With that sort of business, the author's worry about income stopping when you
stop working goes away completely. The whole point is to stop working. State
that as the goal from the outset, and you'll be good to go. Quite literally.

------
stdbrouw
'With a “regular” job it is normally easier at the end of the day to
completely plug out and enjoy the rest of the evening.'

Definitely have noticed this myself: it's easy to slip into a kind of mindset
where, no matter how much you work, you worry about not doing enough, which
makes your free time less enjoyable because not worry-free, which in the long
run makes you less productive.

That, and the fact that it's always just you and yourself, and you never get
to enjoy the dynamics of a good team.

Obviously a lot of people manage to make it work for them, but I did it for a
couple of years and it's been enough for me.

------
yesimahuman
_My friends often make fun of how rigid I am about [working]. I think they
often overlook the fact that although I don’t have to report to a boss, and
nobody would fire me, I still need to report to myself, and if I don’t get my
work done it’s bad news._

I never thought about it like that. This is exactly the response I get from
people who don't understand that working for yourself doesn't mean _not_
working.

------
gte910h
>Just like you’d own the success, you’d also own the failure, and you will
have to take full responsibility for it. Unlike working for an employer, when
you run your own business you can’t just give a 2 week notice, quit and get
another job. You’d have to work through the tough times.

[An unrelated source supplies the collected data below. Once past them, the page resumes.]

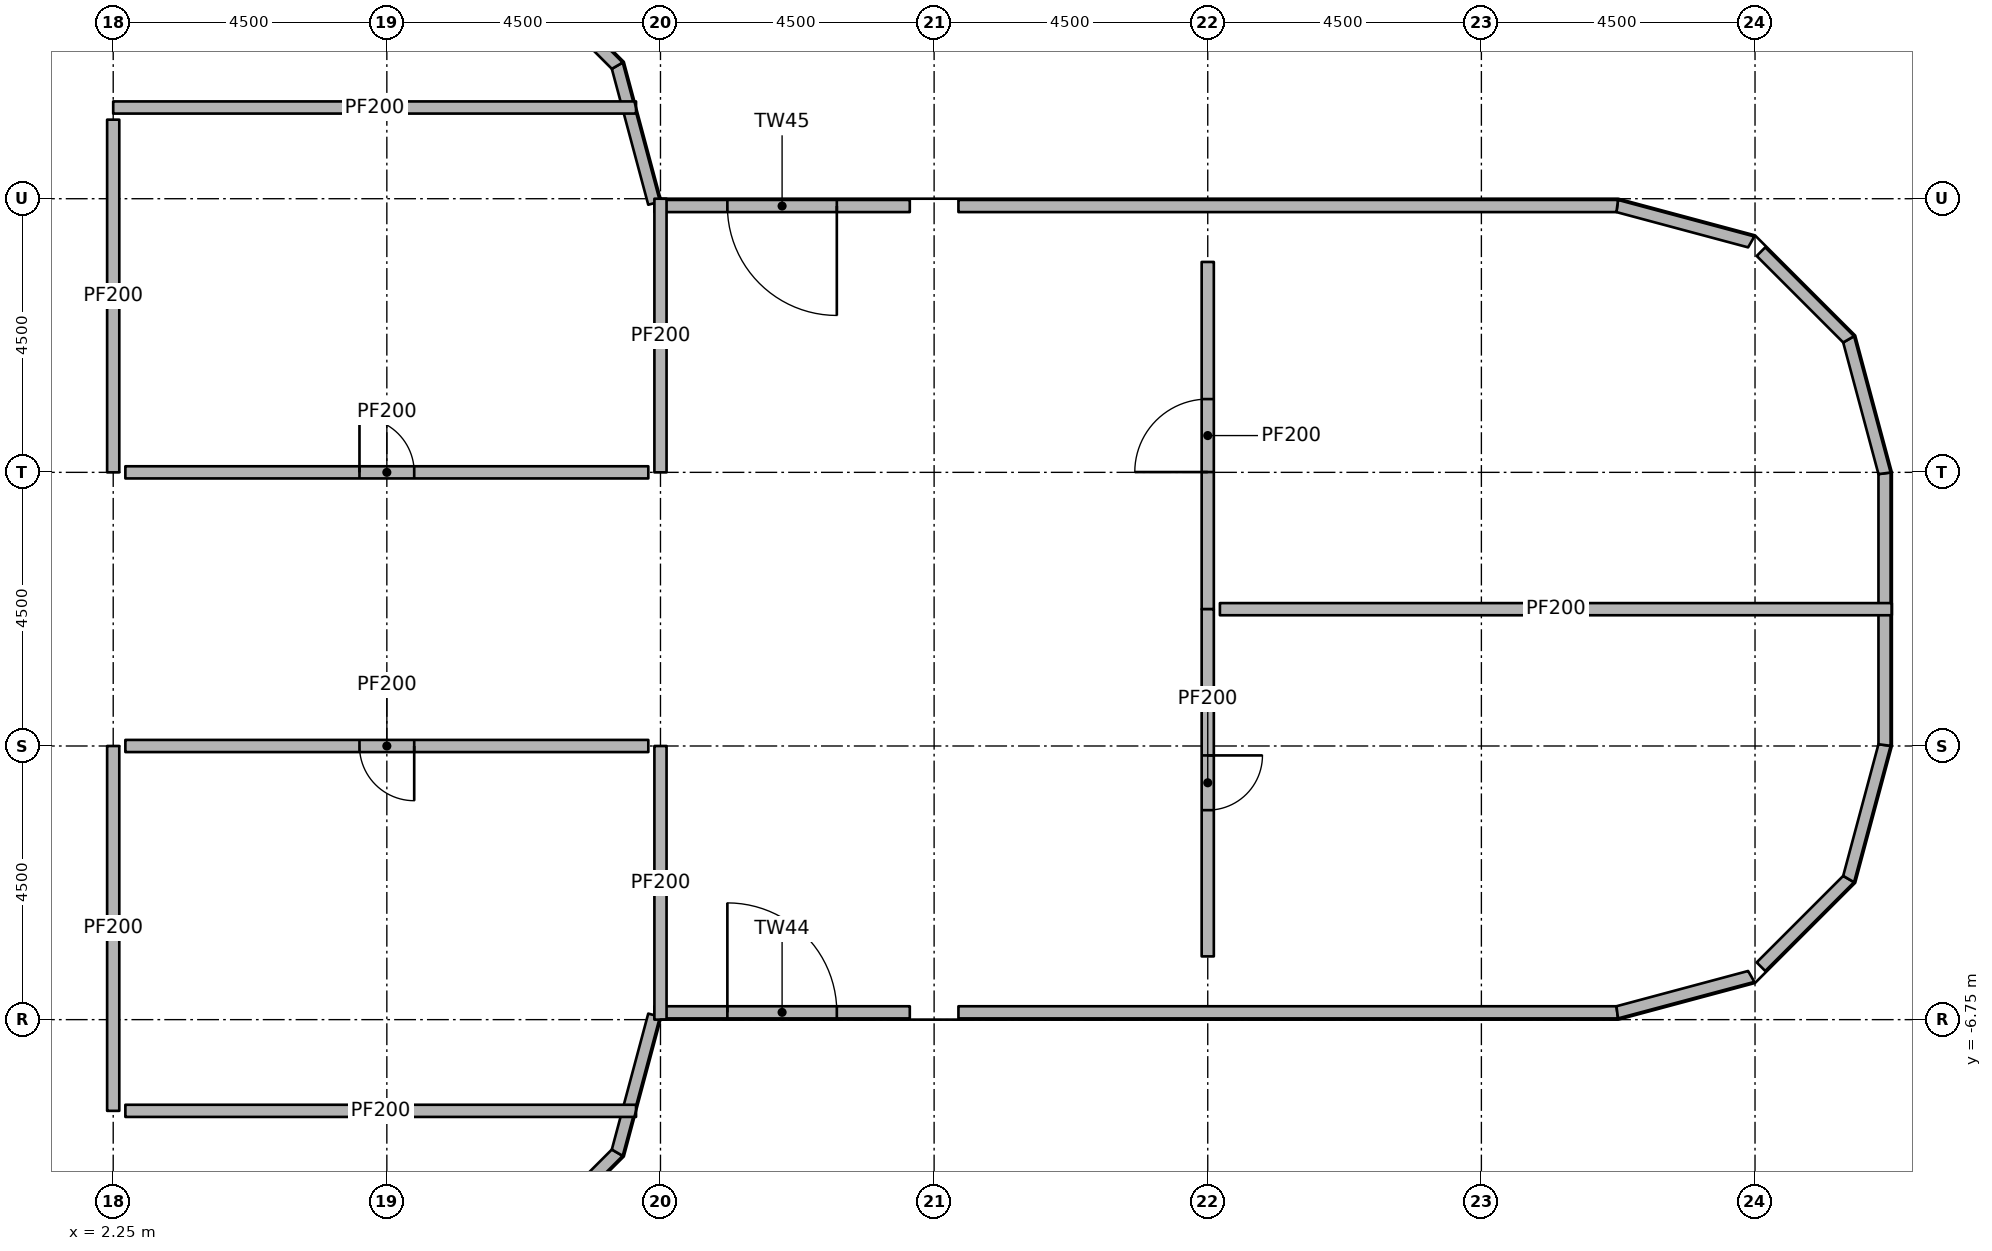
"""IFC4 building model, lengths in metres.
Left out: names, types, materials, properties, quantities, classifications, styles, units other than length and angle.
Written with IfcOpenShell. Run it as: python <this file> out.ifc"""

import sys

from ifc_helpers import new_model, si_unit, direction, frame, frame_2d, origin, origin_2d, place, context, subcontext, project, spatial, polyline, rectangle, outline, extrude, element, fill, save


model = new_model("IFC4")
c1 = context("Model", 3, precision=1e-05, world=origin(), true_north=direction((0.0, 1.0)))
c2 = subcontext(c1, "Body", "Model", "MODEL_VIEW")
j1 = project(units=[si_unit("LENGTHUNIT", "METRE"), si_unit("PLANEANGLEUNIT", "RADIAN")], contexts=[c1])
p1 = place(None, origin())
s1 = spatial("IfcSite", under=j1, at=p1, CompositionType="ELEMENT")
p2 = place(p1, origin())
s2 = spatial("IfcBuilding", under=s1, at=p2, CompositionType="ELEMENT")
p3 = place(p2, frame((0.0, 0.0, 190.4)))
s3 = spatial("IfcBuildingStorey", under=s2, at=p3, CompositionType="ELEMENT", Elevation=190.4)
for number, where, z_axis, x_axis in (
    (1, (6.25, -6.25, 0.0), (0.0, 0.0, 1.0), (1.0, 0.0, 0.0)),
    (2, (6.25, 6.25, 0.0), (0.0, 0.0, 1.0), (1.0, 0.0, 0.0)),
    (3, (10.75, -6.25, 0.0), (0.0, 0.0, 1.0), (1.0, 0.0, 0.0)),
    (4, (10.75, 6.25, 0.0), (0.0, 0.0, 1.0), (1.0, 0.0, 0.0)),
    (5, (15.75, -6.25, 0.0), (0.0, 0.0, 1.0), (1.0, 0.0, 0.0)),
    (6, (15.75, 6.25, 0.0), (0.0, 0.0, 1.0), (1.0, 0.0, 0.0)),
    (7, (20.25, -6.11, 0.0), (0.0, 0.0, 1.0), (1.0, 0.0, 0.0)),
    (8, (20.25, 6.11, 0.0), (0.0, 0.0, 1.0), (1.0, 0.0, 0.0)),
    (9, (24.75, -6.11, 0.0), (0.0, 0.0, 1.0), (1.0, 0.0, 0.0)),
    (10, (24.75, 6.11, 0.0), (0.0, 0.0, 1.0), (1.0, 0.0, 0.0)),
    (11, (28.908, -5.475, 0.0), (0.0, 0.0, 1.0), (1.0, 0.0, 0.0)),
    (12, (28.67, -2.25, 0.0), (0.0, 0.0, 1.0), (1.0, 0.0, 0.0)),
    (13, (28.67, 2.25, 0.0), (0.0, 0.0, 1.0), (1.0, 0.0, 0.0)),
    (14, (28.908, 5.475, 0.0), (0.0, 0.0, 1.0), (1.0, 0.0, 0.0)),
):
    element("IfcColumn", number, at=place(p3, frame(where, z_axis=z_axis, x_axis=x_axis)), inside=s3, PredefinedType="COLUMN", context=c2, shape_type="SweptSolid", body=[
        extrude(rectangle(XDim=0.8, YDim=0.8, at=origin_2d()), origin(), (0.0, 0.0, 1.0), 4.85),
    ])
p4 = place(p3, origin())
e15 = element("IfcWall", 15, at=p4, inside=s3, PredefinedType="SOLIDWALL", context=c2, shape_type="SweptSolid", body=[
    extrude(outline(polyline([(8.99, -10.629), (10.629, -8.99), (10.45, -8.886), (8.886, -10.45), (8.99, -10.629)])), origin(), (0.0, 0.0, 1.0), 4.85),
])
p5 = place(p3, origin())
e16 = element("IfcWall", 16, at=p5, inside=s3, PredefinedType="SOLIDWALL", context=c2, shape_type="SweptSolid", body=[
    extrude(outline(polyline([(10.629, -8.99), (11.242, -6.702), (11.049, -6.651), (10.45, -8.886), (10.629, -8.99)])), origin(), (0.0, 0.0, 1.0), 4.85),
])
p6 = place(p3, frame((11.15, -6.63, 0.0), z_axis=(0.0, 0.0, 1.0), x_axis=(1.0, 0.0, 0.0)))
e17 = element("IfcWall", 17, at=p6, inside=s3, PredefinedType="SOLIDWALL", context=c2, shape_type="SweptSolid", body=[
    extrude(rectangle(XDim=4.2, YDim=0.2, at=frame_2d((2.1, 0.0))), origin(), (0.0, 0.0, 1.0), 4.85),
])
p7 = place(p6, frame((1.2, 0.0, 0.0)))
e18 = element("IfcOpeningElement", 18, at=p7, cuts=e17, PredefinedType="OPENING", context=c2, shape_type="SweptSolid", body=[
    extrude(rectangle(XDim=1.8, YDim=2.4, at=frame_2d((0.9, 1.2))), frame((0.0, 0.11, 0.0), z_axis=(0.0, -1.0, 0.0), x_axis=(1.0, 0.0, 0.0)), (0.0, 0.0, 1.0), 0.22),
])
p8 = place(p3, origin())
e19 = element("IfcWall", 19, at=p8, inside=s3, PredefinedType="SOLIDWALL", context=c2, shape_type="SweptSolid", body=[
    extrude(outline(polyline([(16.15, -6.73), (26.997, -6.73), (26.971, -6.53), (16.15, -6.53), (16.15, -6.73)])), origin(), (0.0, 0.0, 1.0), 4.85),
])
p9 = place(p3, origin())
e20 = element("IfcWall", 20, at=p9, inside=s3, PredefinedType="SOLIDWALL", context=c2, shape_type="SweptSolid", body=[
    extrude(outline(polyline([(26.997, -6.73), (29.24, -6.129), (29.136, -5.95), (26.971, -6.53), (26.997, -6.73)])), origin(), (0.0, 0.0, 1.0), 4.85),
])
p10 = place(p3, origin())
e21 = element("IfcWall", 21, at=p10, inside=s3, PredefinedType="SOLIDWALL", context=c2, shape_type="SweptSolid", body=[
    extrude(outline(polyline([(29.419, -5.95), (30.879, -4.49), (30.7, -4.386), (29.277, -5.809), (29.419, -5.95)])), origin(), (0.0, 0.0, 1.0), 4.85),
])
p11 = place(p3, origin())
e22 = element("IfcWall", 22, at=p11, inside=s3, PredefinedType="SOLIDWALL", context=c2, shape_type="SweptSolid", body=[
    extrude(outline(polyline([(30.879, -4.49), (31.48, -2.247), (31.28, -2.221), (30.7, -4.386), (30.879, -4.49)])), origin(), (0.0, 0.0, 1.0), 4.85),
])
p12 = place(p3, origin())
e23 = element("IfcWall", 23, at=p12, inside=s3, PredefinedType="SOLIDWALL", context=c2, shape_type="SweptSolid", body=[
    extrude(outline(polyline([(31.48, -2.247), (31.48, 2.247), (31.28, 2.221), (31.28, -2.221), (31.48, -2.247)])), origin(), (0.0, 0.0, 1.0), 4.85),
])
p13 = place(p3, origin())
e24 = element("IfcWall", 24, at=p13, inside=s3, PredefinedType="SOLIDWALL", context=c2, shape_type="SweptSolid", body=[
    extrude(outline(polyline([(31.48, 2.247), (30.879, 4.49), (30.7, 4.386), (31.28, 2.221), (31.48, 2.247)])), origin(), (0.0, 0.0, 1.0), 4.85),
])
p14 = place(p3, origin())
e25 = element("IfcWall", 25, at=p14, inside=s3, PredefinedType="SOLIDWALL", context=c2, shape_type="SweptSolid", body=[
    extrude(outline(polyline([(30.879, 4.49), (29.419, 5.95), (29.277, 5.809), (30.7, 4.386), (30.879, 4.49)])), origin(), (0.0, 0.0, 1.0), 4.85),
])
p15 = place(p3, origin())
e26 = element("IfcWall", 26, at=p15, inside=s3, PredefinedType="SOLIDWALL", context=c2, shape_type="SweptSolid", body=[
    extrude(outline(polyline([(29.24, 6.129), (26.997, 6.73), (26.971, 6.53), (29.136, 5.95), (29.24, 6.129)])), origin(), (0.0, 0.0, 1.0), 4.85),
])
p16 = place(p3, origin())
e27 = element("IfcWall", 27, at=p16, inside=s3, PredefinedType="SOLIDWALL", context=c2, shape_type="SweptSolid", body=[
    extrude(outline(polyline([(26.997, 6.73), (16.15, 6.73), (16.15, 6.53), (26.971, 6.53), (26.997, 6.73)])), origin(), (0.0, 0.0, 1.0), 4.85),
])
p17 = place(p3, frame((15.35, 6.63, 0.0), z_axis=(0.0, 0.0, 1.0), x_axis=(-1.0, 0.0, 0.0)))
e28 = element("IfcWall", 28, at=p17, inside=s3, PredefinedType="SOLIDWALL", context=c2, shape_type="SweptSolid", body=[
    extrude(rectangle(XDim=4.2, YDim=0.2, at=frame_2d((2.1, 0.0))), origin(), (0.0, 0.0, 1.0), 4.85),
])
p18 = place(p17, frame((1.2, 0.0, 0.0)))
e29 = element("IfcOpeningElement", 29, at=p18, cuts=e28, PredefinedType="OPENING", context=c2, shape_type="SweptSolid", body=[
    extrude(rectangle(XDim=1.8, YDim=2.4, at=frame_2d((0.9, 1.2))), frame((0.0, 0.11, 0.0), z_axis=(0.0, -1.0, 0.0), x_axis=(1.0, 0.0, 0.0)), (0.0, 0.0, 1.0), 0.22),
])
p19 = place(p3, origin())
e30 = element("IfcWall", 30, at=p19, inside=s3, PredefinedType="SOLIDWALL", context=c2, shape_type="SweptSolid", body=[
    extrude(outline(polyline([(11.242, 6.702), (10.629, 8.99), (10.45, 8.886), (11.049, 6.651), (11.242, 6.702)])), origin(), (0.0, 0.0, 1.0), 4.85),
])
p20 = place(p3, origin())
e31 = element("IfcWall", 31, at=p20, inside=s3, PredefinedType="SOLIDWALL", context=c2, shape_type="SweptSolid", body=[
    extrude(outline(polyline([(10.629, 8.99), (8.99, 10.629), (8.886, 10.45), (10.45, 8.886), (10.629, 8.99)])), origin(), (0.0, 0.0, 1.0), 4.85),
])
p21 = place(p3, frame((10.848, 8.25, 0.0), z_axis=(0.0, 0.0, 1.0), x_axis=(-1.0, 0.0, 0.0)))
e32 = element("IfcWall", 32, at=p21, inside=s3, PredefinedType="PARTITIONING", context=c2, shape_type="SweptSolid", body=[
    extrude(rectangle(XDim=8.598, YDim=0.2, at=frame_2d((4.299, 0.0))), origin(), (0.0, 0.0, 1.0), 3.93),
])
p22 = place(p3, frame((2.25, 8.05, 0.0), z_axis=(0.0, 0.0, 1.0), x_axis=(0.0, -1.0, 0.0)))
e33 = element("IfcWall", 33, at=p22, inside=s3, PredefinedType="PARTITIONING", context=c2, shape_type="SweptSolid", body=[
    extrude(rectangle(XDim=5.8, YDim=0.2, at=frame_2d((2.9, 0.0))), origin(), (0.0, 0.0, 1.0), 3.994),
])
p23 = place(p3, frame((2.25, -2.25, 0.0), z_axis=(0.0, 0.0, 1.0), x_axis=(0.0, -1.0, 0.0)))
e34 = element("IfcWall", 34, at=p23, inside=s3, PredefinedType="PARTITIONING", context=c2, shape_type="SweptSolid", body=[
    extrude(rectangle(XDim=6.0, YDim=0.2, at=frame_2d((3.0, 0.0))), origin(), (0.0, 0.0, 1.0), 3.994),
])
p24 = place(p3, frame((2.45, -8.25, 0.0), z_axis=(0.0, 0.0, 1.0), x_axis=(1.0, 0.0, 0.0)))
e35 = element("IfcWall", 35, at=p24, inside=s3, PredefinedType="PARTITIONING", context=c2, shape_type="SweptSolid", body=[
    extrude(rectangle(XDim=8.398, YDim=0.2, at=frame_2d((4.199, 0.0))), origin(), (0.0, 0.0, 1.0), 3.93),
])
p25 = place(p3, frame((11.25, 6.75, 0.0), z_axis=(0.0, 0.0, 1.0), x_axis=(0.0, -1.0, 0.0)))
e36 = element("IfcWall", 36, at=p25, inside=s3, PredefinedType="PARTITIONING", context=c2, shape_type="SweptSolid", body=[
    extrude(rectangle(XDim=4.5, YDim=0.2, at=frame_2d((2.25, 0.0))), origin(), (0.0, 0.0, 1.0), 3.93),
])
p26 = place(p3, frame((2.45, 2.25, 0.0), z_axis=(0.0, 0.0, 1.0), x_axis=(1.0, 0.0, 0.0)))
e37 = element("IfcWall", 37, at=p26, inside=s3, PredefinedType="PARTITIONING", context=c2, shape_type="SweptSolid", body=[
    extrude(rectangle(XDim=8.6, YDim=0.2, at=frame_2d((4.3, 0.0))), origin(), (0.0, 0.0, 1.0), 4.152),
])
p27 = place(p26, frame((3.85, 0.0, 0.0)))
e38 = element("IfcOpeningElement", 38, at=p27, cuts=e37, PredefinedType="OPENING", context=c2, shape_type="SweptSolid", body=[
    extrude(rectangle(XDim=0.9, YDim=2.1, at=frame_2d((0.45, 1.05))), frame((0.0, 0.11, 0.0), z_axis=(0.0, -1.0, 0.0), x_axis=(1.0, 0.0, 0.0)), (0.0, 0.0, 1.0), 0.22),
])
p28 = place(p3, frame((11.25, -2.25, 0.0), z_axis=(0.0, 0.0, 1.0), x_axis=(0.0, -1.0, 0.0)))
e39 = element("IfcWall", 39, at=p28, inside=s3, PredefinedType="PARTITIONING", context=c2, shape_type="SweptSolid", body=[
    extrude(rectangle(XDim=4.5, YDim=0.2, at=frame_2d((2.25, 0.0))), origin(), (0.0, 0.0, 1.0), 3.93),
])
p29 = place(p3, frame((11.05, -2.25, 0.0), z_axis=(0.0, 0.0, 1.0), x_axis=(-1.0, 0.0, 0.0)))
e40 = element("IfcWall", 40, at=p29, inside=s3, PredefinedType="PARTITIONING", context=c2, shape_type="SweptSolid", body=[
    extrude(rectangle(XDim=8.6, YDim=0.2, at=frame_2d((4.3, 0.0))), origin(), (0.0, 0.0, 1.0), 4.152),
])
p30 = place(p29, frame((3.85, 0.0, 0.0)))
e41 = element("IfcOpeningElement", 41, at=p30, cuts=e40, PredefinedType="OPENING", context=c2, shape_type="SweptSolid", body=[
    extrude(rectangle(XDim=0.9, YDim=2.1, at=frame_2d((0.45, 1.05))), frame((0.0, 0.11, 0.0), z_axis=(0.0, -1.0, 0.0), x_axis=(1.0, 0.0, 0.0)), (0.0, 0.0, 1.0), 0.22),
])
p31 = place(p3, frame((20.25, 0.0, 0.0), z_axis=(0.0, 0.0, 1.0), x_axis=(0.0, 1.0, 0.0)))
e42 = element("IfcWall", 42, at=p31, inside=s3, PredefinedType="PARTITIONING", context=c2, shape_type="SweptSolid", body=[
    extrude(rectangle(XDim=5.71, YDim=0.2, at=frame_2d((2.855, 0.0))), origin(), (0.0, 0.0, 1.0), 4.152),
])
p32 = place(p31, frame((2.255, 0.0, 0.0)))
e43 = element("IfcOpeningElement", 43, at=p32, cuts=e42, PredefinedType="OPENING", context=c2, shape_type="SweptSolid", body=[
    extrude(rectangle(XDim=1.2, YDim=2.1, at=frame_2d((0.6, 1.05))), frame((0.0, 0.11, 0.0), z_axis=(0.0, -1.0, 0.0), x_axis=(1.0, 0.0, 0.0)), (0.0, 0.0, 1.0), 0.22),
])
p33 = place(p3, frame((20.25, 0.0, 0.0), z_axis=(0.0, 0.0, 1.0), x_axis=(0.0, -1.0, 0.0)))
e44 = element("IfcWall", 44, at=p33, inside=s3, PredefinedType="PARTITIONING", context=c2, shape_type="SweptSolid", body=[
    extrude(rectangle(XDim=5.71, YDim=0.2, at=frame_2d((2.855, 0.0))), origin(), (0.0, 0.0, 1.0), 4.152),
])
p34 = place(p33, frame((2.405, 0.0, 0.0)))
e45 = element("IfcOpeningElement", 45, at=p34, cuts=e44, PredefinedType="OPENING", context=c2, shape_type="SweptSolid", body=[
    extrude(rectangle(XDim=0.9, YDim=2.1, at=frame_2d((0.45, 1.05))), frame((0.0, 0.11, 0.0), z_axis=(0.0, -1.0, 0.0), x_axis=(1.0, 0.0, 0.0)), (0.0, 0.0, 1.0), 0.22),
])
p35 = place(p3, frame((31.5, 0.0, 0.0), z_axis=(0.0, 0.0, 1.0), x_axis=(-1.0, 0.0, 0.0)))
e46 = element("IfcWall", 46, at=p35, inside=s3, PredefinedType="PARTITIONING", context=c2, shape_type="SweptSolid", body=[
    extrude(rectangle(XDim=11.05, YDim=0.2, at=frame_2d((5.525, 0.0))), origin(), (0.0, 0.0, 1.0), 3.994),
])
p36 = place(p7, origin())
e47 = element("IfcDoor", 47, at=p36, inside=s3, OperationType="SINGLE_SWING_LEFT", PredefinedType="DOOR", context=c2, shape_type="SweptSolid", body=[
    extrude(rectangle(XDim=1.8, YDim=2.4, at=frame_2d((0.9, 1.2))), frame((0.0, 0.025, 0.0), z_axis=(0.0, -1.0, 0.0), x_axis=(1.0, 0.0, 0.0)), (0.0, 0.0, 1.0), 0.05),
])
fill(e18, e47)
p37 = place(p18, origin())
e48 = element("IfcDoor", 48, at=p37, inside=s3, OperationType="SINGLE_SWING_LEFT", PredefinedType="DOOR", context=c2, shape_type="SweptSolid", body=[
    extrude(rectangle(XDim=1.8, YDim=2.4, at=frame_2d((0.9, 1.2))), frame((0.0, 0.025, 0.0), z_axis=(0.0, -1.0, 0.0), x_axis=(1.0, 0.0, 0.0)), (0.0, 0.0, 1.0), 0.05),
])
fill(e29, e48)
p38 = place(p27, origin())
e49 = element("IfcDoor", 49, at=p38, inside=s3, OperationType="SINGLE_SWING_LEFT", PredefinedType="DOOR", context=c2, shape_type="SweptSolid", body=[
    extrude(rectangle(XDim=0.9, YDim=2.1, at=frame_2d((0.45, 1.05))), frame((0.0, 0.025, 0.0), z_axis=(0.0, -1.0, 0.0), x_axis=(1.0, 0.0, 0.0)), (0.0, 0.0, 1.0), 0.05),
])
fill(e38, e49)
p39 = place(p30, origin())
e50 = element("IfcDoor", 50, at=p39, inside=s3, OperationType="SINGLE_SWING_LEFT", PredefinedType="DOOR", context=c2, shape_type="SweptSolid", body=[
    extrude(rectangle(XDim=0.9, YDim=2.1, at=frame_2d((0.45, 1.05))), frame((0.0, 0.025, 0.0), z_axis=(0.0, -1.0, 0.0), x_axis=(1.0, 0.0, 0.0)), (0.0, 0.0, 1.0), 0.05),
])
fill(e41, e50)
p40 = place(p32, origin())
e51 = element("IfcDoor", 51, at=p40, inside=s3, OperationType="SINGLE_SWING_LEFT", PredefinedType="DOOR", context=c2, shape_type="SweptSolid", body=[
    extrude(rectangle(XDim=1.2, YDim=2.1, at=frame_2d((0.6, 1.05))), frame((0.0, 0.025, 0.0), z_axis=(0.0, -1.0, 0.0), x_axis=(1.0, 0.0, 0.0)), (0.0, 0.0, 1.0), 0.05),
])
fill(e43, e51)
p41 = place(p34, origin())
e52 = element("IfcDoor", 52, at=p41, inside=s3, OperationType="SINGLE_SWING_LEFT", PredefinedType="DOOR", context=c2, shape_type="SweptSolid", body=[
    extrude(rectangle(XDim=0.9, YDim=2.1, at=frame_2d((0.45, 1.05))), frame((0.0, 0.025, 0.0), z_axis=(0.0, -1.0, 0.0), x_axis=(1.0, 0.0, 0.0)), (0.0, 0.0, 1.0), 0.05),
])
fill(e45, e52)
save(model, sys.argv[1])

I completely disagree about this. You will take a personal reputation hit, but
you most certainly can _stop working for yourself and take a new job_.

------
ignifero
I 've been doing it for 3 years and i don't see these "cons". I presume people
who choose to work on their own are usually self-motivated enough so as not to
mind taking the blame, fixing their time schedule, and dispensing with
everyone else's opinion (maybe it's just me though).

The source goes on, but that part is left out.